You actually convinced me to try reading on my commute all over again and I’m loving it!! Thank you. I have a couple of ways I do it. I have an iphone that has the first 100 issues of Fantastic Four on it that I am slowly making my way through – it’s nowhere near as good as I hoped it would be and my gosh, the rampant sexism is horrific – it’s a wonder Sue doesn’t murder them all before issue 25! I also have an iPad that my work paid for but that I don’t really need for work. I’ve for the complete Sandman on there (shamefully I’ve never read it) and a load of issues of Love and Rockets (again, never read it, early days but I’m disappointed).
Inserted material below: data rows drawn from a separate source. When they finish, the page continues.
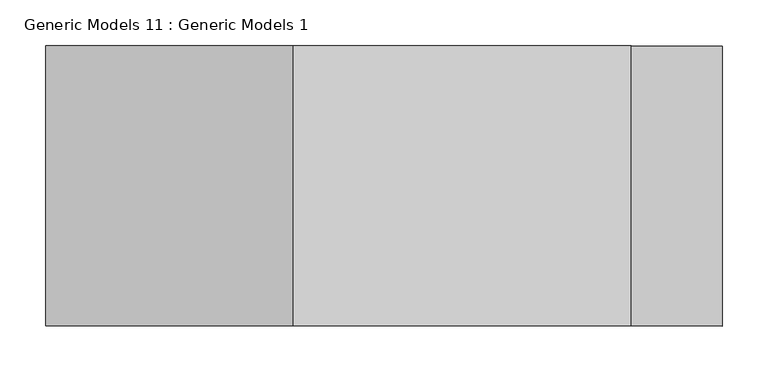
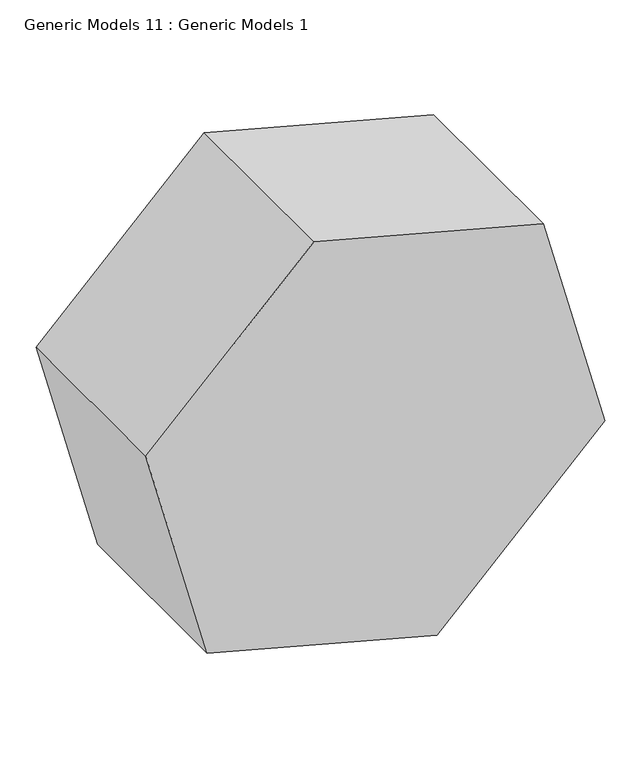
"""IFC4 building model written with IfcOpenShell, lengths in millimetres: proxy geometry, Generic Models 11 : Generic Models 1."""

from ifc_helpers import new_model, si_unit, frame, origin, place, context, project, spatial, polyline, outline, extrude, source, transform, mapped, element, save


def generic_models_11_generic_models_1_4c9ee5e0(model_context):
    return source(origin(), model_context, "Body", "SweptSolid", [
        extrude(outline(polyline([(904.7566299, 2421.0198357), (1003.366686, 2053.0020959), (733.9590024, 1783.5944123), (365.9412626, 1882.2044685), (267.3312064, 2250.2222083), (536.73889, 2519.6298919), (904.7566299, 2421.0198357)])), frame((0.0, -9086.6225464, 0.0), z_axis=(0.0, 1.0, 0.0), x_axis=(0.0, 0.0, 1.0)), (0.0, 0.0, 1.0), 304.8),
    ])


if __name__ == "__main__":
    model = new_model("IFC4")
    model_context = context("Model", 3, world=origin())
    ifc_project = project(units=[si_unit("LENGTHUNIT", "METRE", prefix="MILLI")], contexts=[model_context])
    site = spatial("IfcSite", under=ifc_project)
    building = spatial("IfcBuilding", under=site)
    placement = place(None, origin())
    generic_models_11_generic_models_1_shape = generic_models_11_generic_models_1_4c9ee5e0(model_context)
    element("IfcBuildingElementProxy", 1, Name="Generic Models 11 : Generic Models 1", ObjectType="Generic Models 11 : Generic Models 1", at=placement, inside=building, context=model_context, shape_type="MappedRepresentation", body=[
        mapped(generic_models_11_generic_models_1_shape, transform((0.0, 0.0, 0.0), x_axis=(1.0, 0.0, 0.0), y_axis=(0.0, 1.0, 0.0), z_axis=(0.0, 0.0, 1.0))),
    ])
    save(model, "model.ifc")

# Revit data of these elements
# Element 1 (IfcBuildingElementProxy, "Generic Models 11 : Generic Models 1")
#   Materials on its faces: "Carpet (1)"
# Materials
#   "Carpet (1)": class "Carpet", colour RGB 124 80 67, transparency 0, Description = "Interior finish", Cost = 0

I don’t mind digital comics, but I don’t love it. They look good, I can’t deny it, and they definitely don’t have that glare that you describe … But it’s just not comics to me.

So, I’d sort of given up until I read this and realised it’s not just me. So I tried again with the ‘floppies’ (I hate that term – can we find a better one?). I bought a stack of comics over the weekend, emptying my pull box, and did my usual sorting them into the order I want to read them least (anything at the too of the pile more than two or three weeks in a row probably needs to be dropped), and it’s actually working!!!

I love it, I get through two or three on my ride (not because it’s a short journey, but because I like to sit and think about them after I’ve read them). It’s actually becoming my favourite place to read comics!

I think I’d kind of lost my spot to read comics. I need somewhere and somewhen that deserves it … Does that make sense? I think somewhere when my working life got a little busier I lost that. I’m too stressed on a Sunday and I fall asleep to quickly in the evening. Actually commuter comics is really making my day better. It stops me thinking too hard in the morning (and dribbling on the shoulders of other passengers) and helps me wind down in the evening.

I like the idea of the commuter comics community too.